Todos sabemos como o peso social e cultural impera sobre as nossas escolhas e perceção que os outros têm sobre nós. Sendo a Filipa vegan, houve algum momento em que ponderou não adotar na alimentação do seu filho os princípios do veganismo?
Todos nós fomos educados segundo as crenças dos nossos pais e cuidadores pelo que não faria sentido que fosse diferente com a nossa família. Sabendo que uma alimentação 100% vegetariana/vegan bem planeada fornece todos os nutrientes importantes e essenciais para a nossa saúde, nunca coloquei a hipótese de oferecer uma alimentação não vegetariana ao Lourenço.
Quando os nossos filhos são pequenos e dependem inteiramente de nós, temos o dever de cuidar deles da forma que nos faça mais sentido. Não se trata de teimosia nem tão pouco de forçar uma crença. Trata-se de querermos dar o melhor aos nossos filhos e educá-los de acordo com os nossos valores. Estou consciente de que a nossa alimentação ainda não está devidamente normalizada para que deixem de existir olhares reprovadores vindos do exterior. No entanto, não faria qualquer sentido incutir ao meu filho hábitos e crenças com os quais não me identifico.
Porque razão é, em termos gerais, mais fácil à sociedade ver como ´natural´ que uma criança tenha uma alimentação cárnica do que de base vegetariana, ou mesmo vegan?
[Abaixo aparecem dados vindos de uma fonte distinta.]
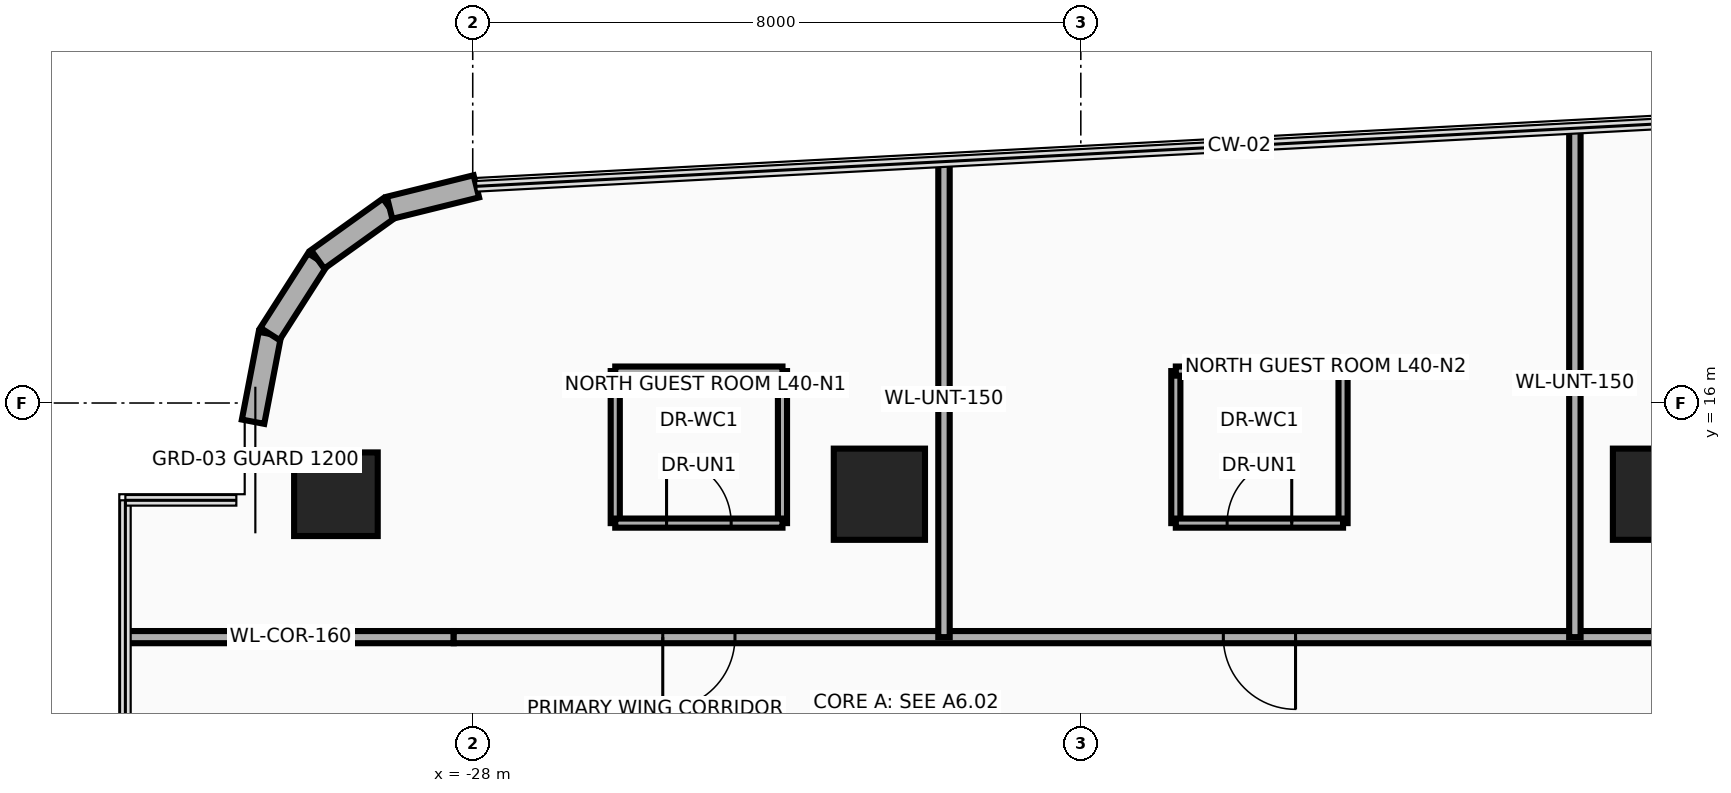
"""IFC4 building model, lengths in metres.
Left out: names, types, materials, properties, quantities, classifications, styles, units other than length and angle.
Written with IfcOpenShell. Run it as: python <this file> out.ifc"""

import sys

from ifc_helpers import new_model, si_unit, direction, frame, frame_2d, origin, origin_2d, place, context, subcontext, project, spatial, rectangle, circle, extrude, source, transform, mapped, element, fill, save


model = new_model("IFC4")
c1 = context("Model", 3, precision=1e-05, world=origin(), true_north=direction((0.0, 1.0)))
c2 = subcontext(c1, "Body", "Model", "MODEL_VIEW")
j1 = project(units=[si_unit("LENGTHUNIT", "METRE"), si_unit("PLANEANGLEUNIT", "RADIAN")], contexts=[c1])
p1 = place(None, origin())
s1 = spatial("IfcSite", under=j1, at=p1, CompositionType="ELEMENT")
p2 = place(p1, origin())
s2 = spatial("IfcBuilding", under=s1, at=p2, CompositionType="ELEMENT")
p3 = place(p2, frame((0.0, 0.0, 157.5)))
s3 = spatial("IfcBuildingStorey", under=s2, at=p3, CompositionType="ELEMENT", Elevation=157.5)
m1 = source(origin(), c2, "Body", "SweptSolid", [
    extrude(circle(Radius=0.55, at=origin_2d()), origin(), (0.0, 0.0, 1.0), 3.7),
])
p4 = place(p3, frame((-29.8, 14.8, 0.0), z_axis=(0.0, 0.0, 1.0), x_axis=(1.0, 0.0, 0.0)))
e1 = element("IfcColumn", 1, at=p4, inside=s3, PredefinedType="COLUMN", context=c2, shape_type="MappedRepresentation", body=[
    mapped(m1, transform((0.0, 0.0, 0.0), x_axis=(1.0, 0.0, 0.0), y_axis=(0.0, 1.0, 0.0), z_axis=(0.0, 0.0, 1.0), scale=1.0)),
])
m2 = source(origin(), c2, "Body", "SweptSolid", [
    extrude(rectangle(XDim=1.2, YDim=1.2, at=origin_2d()), origin(), (0.0, 0.0, 1.0), 3.7),
])
for number, where, z_axis, x_axis in (
    (2, (-22.65, 14.8, 0.0), (0.0, 0.0, 1.0), (1.0, 0.0, 0.0)),
    (3, (-12.4, 14.8, 0.0), (0.0, 0.0, 1.0), (1.0, 0.0, 0.0)),
):
    element("IfcColumn", number, at=place(p3, frame(where, z_axis=z_axis, x_axis=x_axis)), inside=s3, PredefinedType="COLUMN", context=c2, shape_type="MappedRepresentation", body=[
        mapped(m2, transform((0.0, 0.0, 0.0), x_axis=(1.0, 0.0, 0.0), y_axis=(0.0, 1.0, 0.0), z_axis=(0.0, 0.0, 1.0), scale=1.0)),
    ])
p5 = place(p3, frame((-30.89, 15.754, 0.0), z_axis=(0.0, 0.0, 1.0), x_axis=(0.188562397879, 0.982061210977, 0.0)))
e4 = element("IfcWall", 4, at=p5, inside=s3, PredefinedType="SOLIDWALL", context=c2, shape_type="SweptSolid", body=[
    extrude(rectangle(XDim=1.176, YDim=0.3, at=frame_2d((0.588, 0.0))), origin(), (0.0, 0.0, 1.0), 3.46),
])
for number, where, z_axis, x_axis in (
    (5, (-30.668, 16.909, 0.0), (0.0, 0.0, 1.0), (0.539, 0.842, 0.0)),
    (6, (-30.04, 17.89, 0.0), (0.0, 0.0, 1.0), (0.813, 0.583, 0.0)),
):
    element("IfcWall", number, at=place(p3, frame(where, z_axis=z_axis, x_axis=x_axis)), inside=s3, PredefinedType="SOLIDWALL", context=c2, shape_type="SweptSolid", body=[
        extrude(rectangle(XDim=1.165, YDim=0.3, at=frame_2d((0.583, 0.0))), origin(), (0.0, 0.0, 1.0), 3.46),
    ])
p6 = place(p3, frame((-29.094, 18.569, 0.0), z_axis=(0.0, 0.0, 1.0), x_axis=(0.970762249107, 0.24004302887, 0.0)))
e7 = element("IfcWall", 7, at=p6, inside=s3, PredefinedType="SOLIDWALL", context=c2, shape_type="SweptSolid", body=[
    extrude(rectangle(XDim=1.176, YDim=0.3, at=frame_2d((0.588, 0.0))), origin(), (0.0, 0.0, 1.0), 3.46),
])
p7 = place(p3, frame((-32.54, 12.92, 0.0), z_axis=(0.0, 0.0, 1.0), x_axis=(1.0, 0.0, 0.0)))
e8 = element("IfcWall", 8, at=p7, inside=s3, PredefinedType="PARTITIONING", context=c2, shape_type="SweptSolid", body=[
    extrude(rectangle(XDim=4.29, YDim=0.16, at=frame_2d((2.145, 0.0))), origin(), (0.0, 0.0, 1.0), 2.896),
])
p8 = place(p3, frame((-28.25, 12.92, 0.0), z_axis=(0.0, 0.0, 1.0), x_axis=(1.0, 0.0, 0.0)))
e9 = element("IfcWall", 9, at=p8, inside=s3, PredefinedType="PARTITIONING", context=c2, shape_type="SweptSolid", body=[
    extrude(rectangle(XDim=23.64, YDim=0.16, at=frame_2d((11.82, 0.0))), origin(), (0.0, 0.0, 1.0), 2.834),
])
p9 = place(p8, frame((2.75, 0.0, 0.0)))
e10 = element("IfcOpeningElement", 10, at=p9, cuts=e9, PredefinedType="OPENING", context=c2, shape_type="SweptSolid", body=[
    extrude(rectangle(XDim=0.95, YDim=2.15, at=frame_2d((0.475, 1.075))), frame((0.0, 0.095, 0.0), z_axis=(0.0, -1.0, 0.0), x_axis=(1.0, 0.0, 0.0)), (0.0, 0.0, 1.0), 0.19),
])
p10 = place(p8, frame((10.125, 0.0, 0.0)))
e11 = element("IfcOpeningElement", 11, at=p10, cuts=e9, PredefinedType="OPENING", context=c2, shape_type="SweptSolid", body=[
    extrude(rectangle(XDim=0.95, YDim=2.15, at=frame_2d((0.475, 1.075))), frame((0.0, 0.095, 0.0), z_axis=(0.0, -1.0, 0.0), x_axis=(1.0, 0.0, 0.0)), (0.0, 0.0, 1.0), 0.19),
])
p11 = place(p8, frame((17.62, 0.0, 0.0)))
e12 = element("IfcOpeningElement", 12, at=p11, cuts=e9, PredefinedType="OPENING", context=c2, shape_type="SweptSolid", body=[
    extrude(rectangle(XDim=0.95, YDim=2.15, at=frame_2d((0.475, 1.075))), frame((0.0, 0.095, 0.0), z_axis=(0.0, -1.0, 0.0), x_axis=(1.0, 0.0, 0.0)), (0.0, 0.0, 1.0), 0.19),
])
p12 = place(p3, frame((-21.8, 12.92, 0.0), z_axis=(0.0, 0.0, 1.0), x_axis=(0.0, 1.0, 0.0)))
e13 = element("IfcWall", 13, at=p12, inside=s3, PredefinedType="PARTITIONING", context=c2, shape_type="SweptSolid", body=[
    extrude(rectangle(XDim=6.256, YDim=0.15, at=frame_2d((3.128, 0.0))), origin(), (0.0, 0.0, 1.0), 2.666),
])
p13 = place(p3, frame((-13.5, 12.92, 0.0), z_axis=(0.0, 0.0, 1.0), x_axis=(0.0, 1.0, 0.0)))
e14 = element("IfcWall", 14, at=p13, inside=s3, PredefinedType="PARTITIONING", context=c2, shape_type="SweptSolid", body=[
    extrude(rectangle(XDim=6.694, YDim=0.15, at=frame_2d((3.347, 0.0))), origin(), (0.0, 0.0, 1.0), 2.666),
])
for number, where, z_axis, x_axis in (
    (15, (-26.125, 14.42, 0.0), (0.0, 0.0, 1.0), (0.0, 1.0, 0.0)),
    (16, (-23.925, 14.42, 0.0), (0.0, 0.0, 1.0), (0.0, 1.0, 0.0)),
):
    element("IfcWall", number, at=place(p3, frame(where, z_axis=z_axis, x_axis=x_axis)), inside=s3, PredefinedType="PARTITIONING", context=c2, shape_type="SweptSolid", body=[
        extrude(rectangle(XDim=2.0, YDim=0.12, at=frame_2d((1.0, 0.0))), origin(), (0.0, 0.0, 1.0), 2.666),
    ])
p14 = place(p3, frame((-26.125, 16.42, 0.0), z_axis=(0.0, 0.0, 1.0), x_axis=(1.0, 0.0, 0.0)))
e17 = element("IfcWall", 17, at=p14, inside=s3, PredefinedType="PARTITIONING", context=c2, shape_type="SweptSolid", body=[
    extrude(rectangle(XDim=2.2, YDim=0.12, at=frame_2d((1.1, 0.0))), origin(), (0.0, 0.0, 1.0), 3.46),
])
p15 = place(p3, frame((-26.125, 14.42, 0.0), z_axis=(0.0, 0.0, 1.0), x_axis=(1.0, 0.0, 0.0)))
e18 = element("IfcWall", 18, at=p15, inside=s3, PredefinedType="PARTITIONING", context=c2, shape_type="SweptSolid", body=[
    extrude(rectangle(XDim=2.2, YDim=0.12, at=frame_2d((1.1, 0.0))), origin(), (0.0, 0.0, 1.0), 3.46),
])
p16 = place(p15, frame((0.675, 0.0, 0.0)))
e19 = element("IfcOpeningElement", 19, at=p16, cuts=e18, PredefinedType="OPENING", context=c2, shape_type="SweptSolid", body=[
    extrude(rectangle(XDim=0.85, YDim=2.1, at=frame_2d((0.425, 1.05))), frame((0.0, 0.075, 0.0), z_axis=(0.0, -1.0, 0.0), x_axis=(1.0, 0.0, 0.0)), (0.0, 0.0, 1.0), 0.15),
])
for number, where, z_axis, x_axis in (
    (20, (-18.75, 14.42, 0.0), (0.0, 0.0, 1.0), (0.0, 1.0, 0.0)),
    (21, (-16.55, 14.42, 0.0), (0.0, 0.0, 1.0), (0.0, 1.0, 0.0)),
):
    element("IfcWall", number, at=place(p3, frame(where, z_axis=z_axis, x_axis=x_axis)), inside=s3, PredefinedType="PARTITIONING", context=c2, shape_type="SweptSolid", body=[
        extrude(rectangle(XDim=2.0, YDim=0.12, at=frame_2d((1.0, 0.0))), origin(), (0.0, 0.0, 1.0), 2.666),
    ])
p17 = place(p3, frame((-18.75, 16.42, 0.0), z_axis=(0.0, 0.0, 1.0), x_axis=(1.0, 0.0, 0.0)))
e22 = element("IfcWall", 22, at=p17, inside=s3, PredefinedType="PARTITIONING", context=c2, shape_type="SweptSolid", body=[
    extrude(rectangle(XDim=2.2, YDim=0.12, at=frame_2d((1.1, 0.0))), origin(), (0.0, 0.0, 1.0), 3.46),
])
p18 = place(p3, frame((-18.75, 14.42, 0.0), z_axis=(0.0, 0.0, 1.0), x_axis=(1.0, 0.0, 0.0)))
e23 = element("IfcWall", 23, at=p18, inside=s3, PredefinedType="PARTITIONING", context=c2, shape_type="SweptSolid", body=[
    extrude(rectangle(XDim=2.2, YDim=0.12, at=frame_2d((1.1, 0.0))), origin(), (0.0, 0.0, 1.0), 3.46),
])
p19 = place(p18, frame((0.675, 0.0, 0.0)))
e24 = element("IfcOpeningElement", 24, at=p19, cuts=e23, PredefinedType="OPENING", context=c2, shape_type="SweptSolid", body=[
    extrude(rectangle(XDim=0.85, YDim=2.1, at=frame_2d((0.425, 1.05))), frame((0.0, 0.075, 0.0), z_axis=(0.0, -1.0, 0.0), x_axis=(1.0, 0.0, 0.0)), (0.0, 0.0, 1.0), 0.15),
])
p20 = place(p9, frame((0.95, 0.0, 0.0), z_axis=(0.0, 0.0, 1.0), x_axis=(-1.0, 0.0, 0.0)))
e25 = element("IfcDoor", 25, at=p20, inside=s3, OperationType="SINGLE_SWING_LEFT", PredefinedType="DOOR", context=c2, shape_type="SweptSolid", body=[
    extrude(rectangle(XDim=0.95, YDim=2.15, at=frame_2d((0.475, 1.075))), frame((0.0, 0.025, 0.0), z_axis=(0.0, -1.0, 0.0), x_axis=(1.0, 0.0, 0.0)), (0.0, 0.0, 1.0), 0.05),
])
fill(e10, e25)
p21 = place(p16, origin())
e26 = element("IfcDoor", 26, at=p21, inside=s3, OperationType="SINGLE_SWING_RIGHT", PredefinedType="DOOR", context=c2, shape_type="SweptSolid", body=[
    extrude(rectangle(XDim=0.85, YDim=2.1, at=frame_2d((0.425, 1.05))), frame((0.0, 0.025, 0.0), z_axis=(0.0, -1.0, 0.0), x_axis=(1.0, 0.0, 0.0)), (0.0, 0.0, 1.0), 0.05),
])
fill(e19, e26)
p22 = place(p10, frame((0.95, 0.0, 0.0), z_axis=(0.0, 0.0, 1.0), x_axis=(-1.0, 0.0, 0.0)))
e27 = element("IfcDoor", 27, at=p22, inside=s3, OperationType="SINGLE_SWING_LEFT", PredefinedType="DOOR", context=c2, shape_type="SweptSolid", body=[
    extrude(rectangle(XDim=0.95, YDim=2.15, at=frame_2d((0.475, 1.075))), frame((0.0, 0.025, 0.0), z_axis=(0.0, -1.0, 0.0), x_axis=(1.0, 0.0, 0.0)), (0.0, 0.0, 1.0), 0.05),
])
fill(e11, e27)
p23 = place(p19, origin())
e28 = element("IfcDoor", 28, at=p23, inside=s3, OperationType="SINGLE_SWING_RIGHT", PredefinedType="DOOR", context=c2, shape_type="SweptSolid", body=[
    extrude(rectangle(XDim=0.85, YDim=2.1, at=frame_2d((0.425, 1.05))), frame((0.0, 0.025, 0.0), z_axis=(0.0, -1.0, 0.0), x_axis=(1.0, 0.0, 0.0)), (0.0, 0.0, 1.0), 0.05),
])
fill(e24, e28)
save(model, sys.argv[1])

A maioria dos portugueses foi educada com base na crença de que a proteína animal é essencial para a sobrevivência do ser humano ou que o leite de vaca é determinante para fortalecer os nossos ossos. Nunca se falou tanto de alimentação vegetariana como hoje se fala. No entanto, nem sempre foi assim. Até há alguns anos não existia muita informação sobre este tema. É por isso normal que a maioria das pessoas esteja ainda receosa ou alheia à mudança. Aos poucos, o vegetariano e o veganismo estão a ser introduzidos na nossa sociedade e acredito que a tendência passa por começar a normalizar esta opção e forma de estar na vida.
É uso dizer-se que alimentar é cuidar e amar. Curiosamente, mais facilmente damos um doce aos nossos filhos do que por, exemplo, uma tacinha de húmus com palitos de cenoura. Amamo-los mas não transferimos esse cuidado para o prato. Concorda?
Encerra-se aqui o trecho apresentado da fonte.